You may recall that, a while back, General Motors was in serious financial trouble and required a certain amount of governmental intervention to keep the lights on. Well, apparently all that unpleasantness is a thing of the past, because the General managed to find enough change in the couch cushions there at Renaissance Center to ink a multi-year sponsorship deal with UK football (that’s the metric word for soccer) club Manchester United at a reputed cost of £350 million (that’s Ye Olde English for just shy of $553 million).
What does sponsoring brand Chevy get in return? Well, they are “official car partner” and “official shirt sponsor” for the the 2014/2015 season, and they also get to supply free cars for Manchester United first team players, with one catch: Club manager Sir Alex Ferguson has decreed that nobody under 23 can choose a Corvette. Instead, they’ll have to be content with complimentary Spark, Aveo, Cruze, Orlando, or Camaro models instead.

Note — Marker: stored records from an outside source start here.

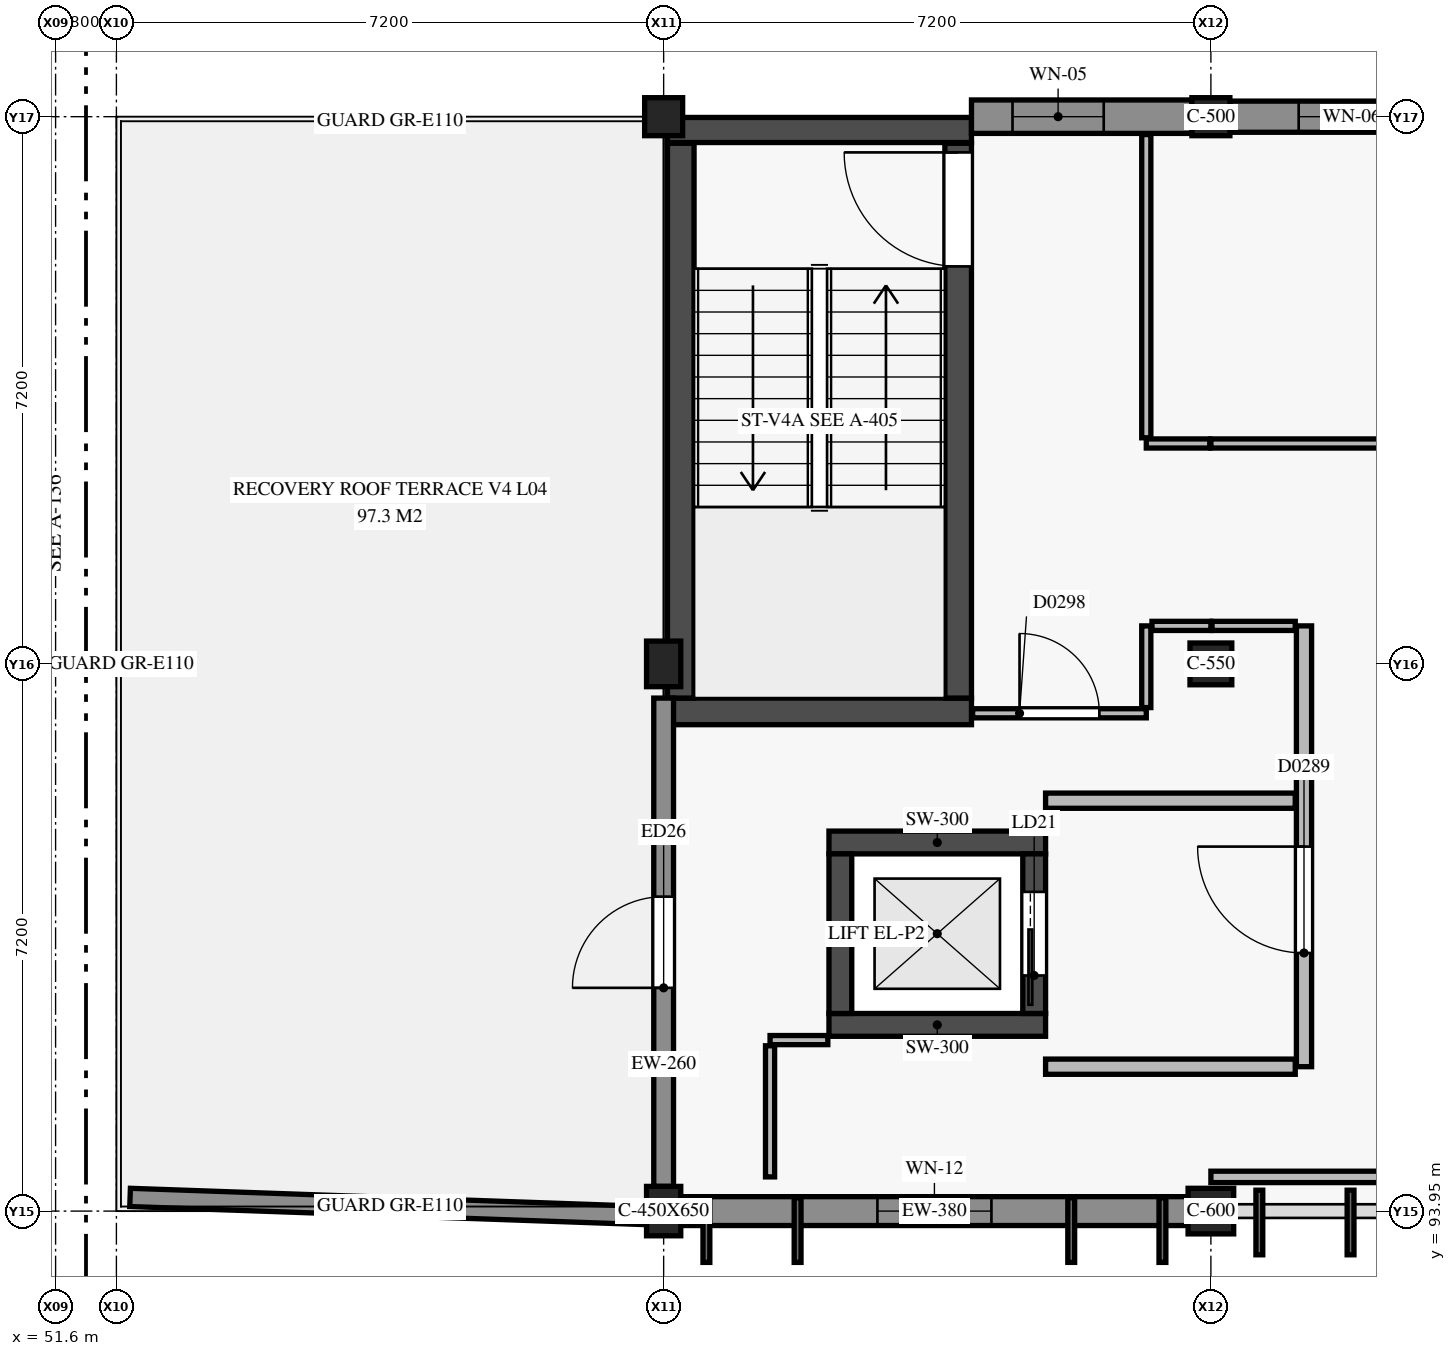
"""IFC4 building model, lengths in metres.
Left out: names, types, materials, properties, quantities, classifications, styles, units other than length and angle.
Written with IfcOpenShell. Run it as: python <this file> out.ifc"""

import sys

from ifc_helpers import new_model, si_unit, direction, frame, frame_2d, origin, origin_2d, place, context, subcontext, project, spatial, rectangle, circle, extrude, element, fill, save


model = new_model("IFC4")
c1 = context("Model", 3, precision=1e-05, world=origin(), true_north=direction((0.0, 1.0)))
c2 = subcontext(c1, "Body", "Model", "MODEL_VIEW")
j1 = project(units=[si_unit("LENGTHUNIT", "METRE"), si_unit("PLANEANGLEUNIT", "RADIAN")], contexts=[c1])
p1 = place(None, origin())
s1 = spatial("IfcSite", under=j1, at=p1, CompositionType="ELEMENT")
p2 = place(p1, origin())
s2 = spatial("IfcBuilding", under=s1, at=p2, CompositionType="ELEMENT")
p3 = place(p2, frame((0.0, 0.0, 17.4)))
s3 = spatial("IfcBuildingStorey", under=s2, at=p3, CompositionType="ELEMENT", Elevation=17.4)
p4 = place(p3, frame((59.6, 93.95, 0.0), z_axis=(0.0, 0.0, 1.0), x_axis=(1.0, 0.0, 0.0)))
e1 = element("IfcColumn", 1, at=p4, inside=s3, PredefinedType="COLUMN", context=c2, shape_type="SweptSolid", body=[
    extrude(rectangle(XDim=0.45, YDim=0.65, at=origin_2d()), origin(), (0.0, 0.0, 1.0), 4.2),
])
p5 = place(p3, frame((59.6, 101.15, 0.0), z_axis=(0.0, 0.0, 1.0), x_axis=(1.0, 0.0, 0.0)))
e2 = element("IfcColumn", 2, at=p5, inside=s3, PredefinedType="COLUMN", context=c2, shape_type="SweptSolid", body=[
    extrude(rectangle(XDim=0.45, YDim=0.6, at=origin_2d()), origin(), (0.0, 0.0, 1.0), 4.2),
])
p6 = place(p3, frame((59.6, 108.35, 0.0), z_axis=(0.0, 0.0, 1.0), x_axis=(1.0, 0.0, 0.0)))
e3 = element("IfcColumn", 3, at=p6, inside=s3, PredefinedType="COLUMN", context=c2, shape_type="SweptSolid", body=[
    extrude(circle(Radius=0.25, at=origin_2d()), origin(), (0.0, 0.0, 1.0), 4.2),
])
p7 = place(p3, frame((66.8, 93.95, 0.0), z_axis=(0.0, 0.0, 1.0), x_axis=(1.0, 0.0, 0.0)))
e4 = element("IfcColumn", 4, at=p7, inside=s3, PredefinedType="COLUMN", context=c2, shape_type="SweptSolid", body=[
    extrude(rectangle(XDim=0.6, YDim=0.6, at=origin_2d()), origin(), (0.0, 0.0, 1.0), 4.2),
])
p8 = place(p3, frame((66.8, 101.15, 0.0), z_axis=(0.0, 0.0, 1.0), x_axis=(1.0, 0.0, 0.0)))
e5 = element("IfcColumn", 5, at=p8, inside=s3, PredefinedType="COLUMN", context=c2, shape_type="SweptSolid", body=[
    extrude(rectangle(XDim=0.55, YDim=0.55, at=origin_2d()), origin(), (0.0, 0.0, 1.0), 4.2),
])
p9 = place(p3, frame((66.8, 108.35, 0.0), z_axis=(0.0, 0.0, 1.0), x_axis=(1.0, 0.0, 0.0)))
e6 = element("IfcColumn", 6, at=p9, inside=s3, PredefinedType="COLUMN", context=c2, shape_type="SweptSolid", body=[
    extrude(rectangle(XDim=0.5, YDim=0.5, at=origin_2d()), origin(), (0.0, 0.0, 1.0), 4.2),
])
p10 = place(p3, frame((59.65, 100.525, 0.0), z_axis=(0.0, 0.0, 1.0), x_axis=(1.0, 0.0, 0.0)))
e7 = element("IfcWall", 7, at=p10, inside=s3, PredefinedType="SHEAR", context=c2, shape_type="SweptSolid", body=[
    extrude(rectangle(XDim=4.0, YDim=0.35, at=frame_2d((2.0, 0.0))), origin(), (0.0, 0.0, 1.0), 3.92),
])
p11 = place(p3, frame((59.65, 108.175, 0.0), z_axis=(0.0, 0.0, 1.0), x_axis=(1.0, 0.0, 0.0)))
e8 = element("IfcWall", 8, at=p11, inside=s3, PredefinedType="SHEAR", context=c2, shape_type="SweptSolid", body=[
    extrude(rectangle(XDim=4.0, YDim=0.33, at=frame_2d((2.0, 0.0))), origin(), (0.0, 0.0, 1.0), 3.92),
])
p12 = place(p3, frame((59.825, 100.7, 0.0), z_axis=(0.0, 0.0, 1.0), x_axis=(0.0, 1.0, 0.0)))
e9 = element("IfcWall", 9, at=p12, inside=s3, PredefinedType="SHEAR", context=c2, shape_type="SweptSolid", body=[
    extrude(rectangle(XDim=7.3, YDim=0.35, at=frame_2d((3.65, 0.0))), origin(), (0.0, 0.0, 1.0), 3.92),
])
p13 = place(p3, frame((63.475, 100.7, 0.0), z_axis=(0.0, 0.0, 1.0), x_axis=(0.0, 1.0, 0.0)))
e10 = element("IfcWall", 10, at=p13, inside=s3, PredefinedType="SHEAR", context=c2, shape_type="SweptSolid", body=[
    extrude(rectangle(XDim=7.3, YDim=0.35, at=frame_2d((3.65, 0.0))), origin(), (0.0, 0.0, 1.0), 3.92),
])
p14 = place(p13, frame((5.68, 0.0, 0.0)))
e11 = element("IfcOpeningElement", 11, at=p14, cuts=e10, PredefinedType="OPENING", context=c2, shape_type="SweptSolid", body=[
    extrude(rectangle(XDim=1.5, YDim=2.15, at=frame_2d((0.75, 1.075))), frame((0.0, 0.185, 0.0), z_axis=(0.0, -1.0, 0.0), x_axis=(1.0, 0.0, 0.0)), (0.0, 0.0, 1.0), 0.37),
])
for number, where, z_axis, x_axis in (
    (12, (61.775, 96.4, 0.0), (0.0, 0.0, 1.0), (1.0, 0.0, 0.0)),
    (13, (61.775, 98.8, 0.0), (0.0, 0.0, 1.0), (1.0, 0.0, 0.0)),
):
    element("IfcWall", number, at=place(p3, frame(where, z_axis=z_axis, x_axis=x_axis)), inside=s3, PredefinedType="SHEAR", context=c2, shape_type="SweptSolid", body=[
        extrude(rectangle(XDim=2.85, YDim=0.3, at=frame_2d((1.425, 0.0))), origin(), (0.0, 0.0, 1.0), 3.92),
    ])
p15 = place(p3, frame((61.925, 96.55, 0.0), z_axis=(0.0, 0.0, 1.0), x_axis=(0.0, 1.0, 0.0)))
e14 = element("IfcWall", 14, at=p15, inside=s3, PredefinedType="SHEAR", context=c2, shape_type="SweptSolid", body=[
    extrude(rectangle(XDim=2.1, YDim=0.3, at=frame_2d((1.05, 0.0))), origin(), (0.0, 0.0, 1.0), 3.92),
])
p16 = place(p3, frame((64.475, 96.55, 0.0), z_axis=(0.0, 0.0, 1.0), x_axis=(0.0, 1.0, 0.0)))
e15 = element("IfcWall", 15, at=p16, inside=s3, PredefinedType="SHEAR", context=c2, shape_type="SweptSolid", body=[
    extrude(rectangle(XDim=2.1, YDim=0.3, at=frame_2d((1.05, 0.0))), origin(), (0.0, 0.0, 1.0), 3.92),
])
p17 = place(p16, frame((0.5, 0.0, 0.0)))
e16 = element("IfcOpeningElement", 16, at=p17, cuts=e15, PredefinedType="OPENING", context=c2, shape_type="SweptSolid", body=[
    extrude(rectangle(XDim=1.1, YDim=2.15, at=frame_2d((0.55, 1.075))), frame((0.0, 0.16, 0.0), z_axis=(0.0, -1.0, 0.0), x_axis=(1.0, 0.0, 0.0)), (0.0, 0.0, 1.0), 0.32),
])
p18 = place(p3, frame((66.5, 93.95, 0.0), z_axis=(0.0, 0.0, 1.0), x_axis=(-1.0, 0.0, 0.0)))
e17 = element("IfcWall", 17, at=p18, inside=s3, PredefinedType="USERDEFINED", context=c2, shape_type="SweptSolid", body=[
    extrude(rectangle(XDim=6.675, YDim=0.38, at=frame_2d((3.337, 0.0))), origin(), (0.0, 0.0, 1.0), 3.1),
])
p19 = place(p18, frame((2.587, 0.0, 0.9)))
e18 = element("IfcOpeningElement", 18, at=p19, cuts=e17, PredefinedType="OPENING", context=c2, shape_type="SweptSolid", body=[
    extrude(rectangle(XDim=1.5, YDim=1.5, at=frame_2d((0.75, 0.75))), frame((0.0, 0.2, 0.0), z_axis=(0.0, -1.0, 0.0), x_axis=(1.0, 0.0, 0.0)), (0.0, 0.0, 1.0), 0.4),
])
p20 = place(p3, frame((59.6, 94.275, 0.0), z_axis=(0.0, 0.0, 1.0), x_axis=(0.0, 1.0, 0.0)))
e19 = element("IfcWall", 19, at=p20, inside=s3, PredefinedType="SOLIDWALL", context=c2, shape_type="SweptSolid", body=[
    extrude(rectangle(XDim=6.425, YDim=0.26, at=frame_2d((3.212, 0.0))), origin(), (0.0, 0.0, 1.0), 3.1),
])
p21 = place(p20, frame((2.613, 0.0, 0.0)))
e20 = element("IfcOpeningElement", 20, at=p21, cuts=e19, PredefinedType="OPENING", context=c2, shape_type="SweptSolid", body=[
    extrude(rectangle(XDim=1.2, YDim=2.2, at=frame_2d((0.6, 1.1))), frame((0.0, 0.14, 0.0), z_axis=(0.0, -1.0, 0.0), x_axis=(1.0, 0.0, 0.0)), (0.0, 0.0, 1.0), 0.28),
])
p22 = place(p3, frame((63.65, 108.35, 0.0), z_axis=(0.0, 0.0, 1.0), x_axis=(1.0, 0.0, 0.0)))
e21 = element("IfcWall", 21, at=p22, inside=s3, PredefinedType="USERDEFINED", context=c2, shape_type="SweptSolid", body=[
    extrude(rectangle(XDim=2.9, YDim=0.44, at=frame_2d((1.45, 0.0))), origin(), (0.0, 0.0, 1.0), 3.1),
])
p23 = place(p22, frame((0.54, 0.0, 0.9)))
e22 = element("IfcOpeningElement", 22, at=p23, cuts=e21, PredefinedType="OPENING", context=c2, shape_type="SweptSolid", body=[
    extrude(rectangle(XDim=1.2, YDim=1.8, at=frame_2d((0.6, 0.9))), frame((0.0, 0.23, 0.0), z_axis=(0.0, -1.0, 0.0), x_axis=(1.0, 0.0, 0.0)), (0.0, 0.0, 1.0), 0.46),
])
p24 = place(p3, frame((67.05, 108.35, 0.0), z_axis=(0.0, 0.0, 1.0), x_axis=(1.0, 0.0, 0.0)))
e23 = element("IfcWall", 23, at=p24, inside=s3, PredefinedType="USERDEFINED", context=c2, shape_type="SweptSolid", body=[
    extrude(rectangle(XDim=3.21, YDim=0.41, at=frame_2d((1.605, 0.0))), origin(), (0.0, 0.0, 1.0), 3.1),
])
p25 = place(p24, frame((0.905, 0.0, 0.9)))
e24 = element("IfcOpeningElement", 24, at=p25, cuts=e23, PredefinedType="OPENING", context=c2, shape_type="SweptSolid", body=[
    extrude(rectangle(XDim=1.4, YDim=1.8, at=frame_2d((0.7, 0.9))), frame((0.0, 0.215, 0.0), z_axis=(0.0, -1.0, 0.0), x_axis=(1.0, 0.0, 0.0)), (0.0, 0.0, 1.0), 0.43),
])
p26 = place(p3, frame((52.58, 94.13, 0.0), z_axis=(0.0, 0.0, 1.0), x_axis=(0.999385015723, -0.035065515079, 0.0)))
e25 = element("IfcWall", 25, at=p26, inside=s3, PredefinedType="PARAPET", context=c2, shape_type="SweptSolid", body=[
    extrude(rectangle(XDim=6.844, YDim=0.24, at=frame_2d((3.422, 0.0))), origin(), (0.0, 0.0, 1.0), 1.12),
])
p27 = place(p3, frame((68.025, 95.85, 0.0), z_axis=(0.0, 0.0, 1.0), x_axis=(0.0, 1.0, 0.0)))
e26 = element("IfcWall", 26, at=p27, inside=s3, PredefinedType="PARTITIONING", context=c2, shape_type="SweptSolid", body=[
    extrude(rectangle(XDim=5.8, YDim=0.2, at=frame_2d((2.9, 0.0))), origin(), (0.0, 0.0, 1.0), 3.425),
])
p28 = place(p27, frame((1.496, 0.0, 0.0)))
e27 = element("IfcOpeningElement", 27, at=p28, cuts=e26, PredefinedType="OPENING", context=c2, shape_type="SweptSolid", body=[
    extrude(rectangle(XDim=1.4, YDim=2.2, at=frame_2d((0.7, 1.1))), frame((0.0, 0.11, 0.0), z_axis=(0.0, -1.0, 0.0), x_axis=(1.0, 0.0, 0.0)), (0.0, 0.0, 1.0), 0.22),
])
for number, where, z_axis, x_axis in (
    (28, (64.625, 95.85, 0.0), (0.0, 0.0, 1.0), (1.0, 0.0, 0.0)),
    (29, (64.625, 99.35, 0.0), (0.0, 0.0, 1.0), (1.0, 0.0, 0.0)),
):
    element("IfcWall", number, at=place(p3, frame(where, z_axis=z_axis, x_axis=x_axis)), inside=s3, PredefinedType="PARTITIONING", context=c2, shape_type="SweptSolid", body=[
        extrude(rectangle(XDim=3.285, YDim=0.2, at=frame_2d((1.643, 0.0))), origin(), (0.0, 0.0, 1.0), 3.325),
    ])
p29 = place(p3, frame((66.8, 94.4, 0.0), z_axis=(0.0, 0.0, 1.0), x_axis=(1.0, 0.0, 0.0)))
e30 = element("IfcWall", 30, at=p29, inside=s3, PredefinedType="PARTITIONING", context=c2, shape_type="SweptSolid", body=[
    extrude(rectangle(XDim=3.63, YDim=0.15, at=frame_2d((1.815, 0.0))), origin(), (0.0, 0.0, 1.0), 3.325),
])
p30 = place(p3, frame((66.8, 104.05, 0.0), z_axis=(0.0, 0.0, 1.0), x_axis=(1.0, 0.0, 0.0)))
e31 = element("IfcWall", 31, at=p30, inside=s3, PredefinedType="PARTITIONING", context=c2, shape_type="SweptSolid", body=[
    extrude(rectangle(XDim=3.835, YDim=0.12, at=frame_2d((1.917, 0.0))), origin(), (0.0, 0.0, 1.0), 3.325),
])
p31 = place(p3, frame((65.95, 104.05, 0.0), z_axis=(0.0, 0.0, 1.0), x_axis=(1.0, 0.0, 0.0)))
e32 = element("IfcWall", 32, at=p31, inside=s3, PredefinedType="PARTITIONING", context=c2, shape_type="SweptSolid", body=[
    extrude(rectangle(XDim=0.835, YDim=0.12, at=frame_2d((0.417, 0.0))), origin(), (0.0, 0.0, 1.0), 3.325),
])
p32 = place(p3, frame((65.95, 104.125, 0.0), z_axis=(0.0, 0.0, 1.0), x_axis=(0.0, 1.0, 0.0)))
e33 = element("IfcWall", 33, at=p32, inside=s3, PredefinedType="PARTITIONING", context=c2, shape_type="SweptSolid", body=[
    extrude(rectangle(XDim=3.99, YDim=0.12, at=frame_2d((1.995, 0.0))), origin(), (0.0, 0.0, 1.0), 3.92),
])
p33 = place(p3, frame((63.665, 100.5, 0.0), z_axis=(0.0, 0.0, 1.0), x_axis=(1.0, 0.0, 0.0)))
e34 = element("IfcWall", 34, at=p33, inside=s3, PredefinedType="PARTITIONING", context=c2, shape_type="SweptSolid", body=[
    extrude(rectangle(XDim=2.285, YDim=0.12, at=frame_2d((1.143, 0.0))), origin(), (0.0, 0.0, 1.0), 3.92),
])
p34 = place(p33, frame((0.617, 0.0, 0.0)))
e35 = element("IfcOpeningElement", 35, at=p34, cuts=e34, PredefinedType="OPENING", context=c2, shape_type="SweptSolid", body=[
    extrude(rectangle(XDim=1.05, YDim=2.15, at=frame_2d((0.525, 1.075))), frame((0.0, 0.07, 0.0), z_axis=(0.0, -1.0, 0.0), x_axis=(1.0, 0.0, 0.0)), (0.0, 0.0, 1.0), 0.14),
])
p35 = place(p3, frame((65.95, 100.575, 0.0), z_axis=(0.0, 0.0, 1.0), x_axis=(0.0, 1.0, 0.0)))
e36 = element("IfcWall", 36, at=p35, inside=s3, PredefinedType="PARTITIONING", context=c2, shape_type="SweptSolid", body=[
    extrude(rectangle(XDim=1.075, YDim=0.12, at=frame_2d((0.538, 0.0))), origin(), (0.0, 0.0, 1.0), 3.92),
])
p36 = place(p3, frame((66.025, 101.65, 0.0), z_axis=(0.0, 0.0, 1.0), x_axis=(1.0, 0.0, 0.0)))
e37 = element("IfcWall", 37, at=p36, inside=s3, PredefinedType="PARTITIONING", context=c2, shape_type="SweptSolid", body=[
    extrude(rectangle(XDim=0.775, YDim=0.12, at=frame_2d((0.388, 0.0))), origin(), (0.0, 0.0, 1.0), 3.325),
])
p37 = place(p3, frame((66.815, 101.65, 0.0), z_axis=(0.0, 0.0, 1.0), x_axis=(1.0, 0.0, 0.0)))
e38 = element("IfcWall", 38, at=p37, inside=s3, PredefinedType="PARTITIONING", context=c2, shape_type="SweptSolid", body=[
    extrude(rectangle(XDim=1.095, YDim=0.12, at=frame_2d((0.547, 0.0))), origin(), (0.0, 0.0, 1.0), 3.325),
])
p38 = place(p3, frame((61.0, 96.2, 0.0), z_axis=(0.0, 0.0, 1.0), x_axis=(1.0, 0.0, 0.0)))
e39 = element("IfcWall", 39, at=p38, inside=s3, PredefinedType="PARTITIONING", context=c2, shape_type="SweptSolid", body=[
    extrude(rectangle(XDim=0.76, YDim=0.12, at=frame_2d((0.38, 0.0))), origin(), (0.0, 0.0, 1.0), 3.485),
])
p39 = place(p3, frame((61.0, 94.4, 0.0), z_axis=(0.0, 0.0, 1.0), x_axis=(0.0, 1.0, 0.0)))
e40 = element("IfcWall", 40, at=p39, inside=s3, PredefinedType="PARTITIONING", context=c2, shape_type="SweptSolid", body=[
    extrude(rectangle(XDim=1.725, YDim=0.12, at=frame_2d((0.863, 0.0))), origin(), (0.0, 0.0, 1.0), 3.92),
])
p40 = place(p19, origin())
e41 = element("IfcWindow", 41, at=p40, inside=s3, PartitioningType="SINGLE_PANEL", PredefinedType="WINDOW", context=c2, shape_type="SweptSolid", body=[
    extrude(rectangle(XDim=1.5, YDim=1.5, at=frame_2d((0.75, 0.75))), frame((0.0, 0.03, 0.0), z_axis=(0.0, -1.0, 0.0), x_axis=(1.0, 0.0, 0.0)), (0.0, 0.0, 1.0), 0.06),
])
fill(e18, e41)
p41 = place(p21, origin())
e42 = element("IfcDoor", 42, at=p41, inside=s3, OperationType="SINGLE_SWING_LEFT", PredefinedType="DOOR", context=c2, shape_type="SweptSolid", body=[
    extrude(rectangle(XDim=1.2, YDim=2.2, at=frame_2d((0.6, 1.1))), frame((0.0, 0.025, 0.0), z_axis=(0.0, -1.0, 0.0), x_axis=(1.0, 0.0, 0.0)), (0.0, 0.0, 1.0), 0.05),
])
fill(e20, e42)
p42 = place(p23, origin())
e43 = element("IfcWindow", 43, at=p42, inside=s3, PartitioningType="SINGLE_PANEL", PredefinedType="WINDOW", context=c2, shape_type="SweptSolid", body=[
    extrude(rectangle(XDim=1.2, YDim=1.8, at=frame_2d((0.6, 0.9))), frame((0.0, 0.03, 0.0), z_axis=(0.0, -1.0, 0.0), x_axis=(1.0, 0.0, 0.0)), (0.0, 0.0, 1.0), 0.06),
])
fill(e22, e43)
p43 = place(p25, origin())
e44 = element("IfcWindow", 44, at=p43, inside=s3, PartitioningType="SINGLE_PANEL", PredefinedType="WINDOW", context=c2, shape_type="SweptSolid", body=[
    extrude(rectangle(XDim=1.4, YDim=1.8, at=frame_2d((0.7, 0.9))), frame((0.0, 0.03, 0.0), z_axis=(0.0, -1.0, 0.0), x_axis=(1.0, 0.0, 0.0)), (0.0, 0.0, 1.0), 0.06),
])
fill(e24, e44)
p44 = place(p14, origin())
e45 = element("IfcDoor", 45, at=p44, inside=s3, OperationType="SINGLE_SWING_RIGHT", PredefinedType="DOOR", context=c2, shape_type="SweptSolid", body=[
    extrude(rectangle(XDim=1.5, YDim=2.15, at=frame_2d((0.75, 1.075))), frame((0.0, 0.025, 0.0), z_axis=(0.0, -1.0, 0.0), x_axis=(1.0, 0.0, 0.0)), (0.0, 0.0, 1.0), 0.05),
])
fill(e11, e45)
p45 = place(p17, origin())
e46 = element("IfcDoor", 46, at=p45, inside=s3, OperationType="SLIDING_TO_LEFT", PredefinedType="DOOR", context=c2, shape_type="SweptSolid", body=[
    extrude(rectangle(XDim=1.1, YDim=2.15, at=frame_2d((0.55, 1.075))), frame((0.0, 0.025, 0.0), z_axis=(0.0, -1.0, 0.0), x_axis=(1.0, 0.0, 0.0)), (0.0, 0.0, 1.0), 0.05),
])
fill(e16, e46)
p46 = place(p28, origin())
e47 = element("IfcDoor", 47, at=p46, inside=s3, OperationType="SINGLE_SWING_RIGHT", PredefinedType="DOOR", context=c2, shape_type="SweptSolid", body=[
    extrude(rectangle(XDim=1.4, YDim=2.2, at=frame_2d((0.7, 1.1))), frame((0.0, 0.025, 0.0), z_axis=(0.0, -1.0, 0.0), x_axis=(1.0, 0.0, 0.0)), (0.0, 0.0, 1.0), 0.05),
])
fill(e27, e47)
p47 = place(p34, origin())
e48 = element("IfcDoor", 48, at=p47, inside=s3, OperationType="SINGLE_SWING_LEFT", PredefinedType="DOOR", context=c2, shape_type="SweptSolid", body=[
    extrude(rectangle(XDim=1.05, YDim=2.15, at=frame_2d((0.525, 1.075))), frame((0.0, 0.025, 0.0), z_axis=(0.0, -1.0, 0.0), x_axis=(1.0, 0.0, 0.0)), (0.0, 0.0, 1.0), 0.05),
])
fill(e35, e48)
save(model, sys.argv[1])

Considering the past history of footballers wrecking fast cars like the Audi R8, this is probably a wise decision – while the reported ban doesn’t specify whether it covers every Corvette up to and including the 638 horsepower ZR1, drivers with impulse control issues and a sense of entitlement can get into plenty of trouble even with a base model C6. Speaking of which, the deal comes just in time to deny the younger players access to the upcoming C7 when it debuts next year.
With a reputed 659 million fans worldwide, putting Manchester United’s star players in Chevys will certainly raise the brand’s profile overseas, but the price tag may leave American taxpayers (and part owners of GM) wondering if it is worth the cost.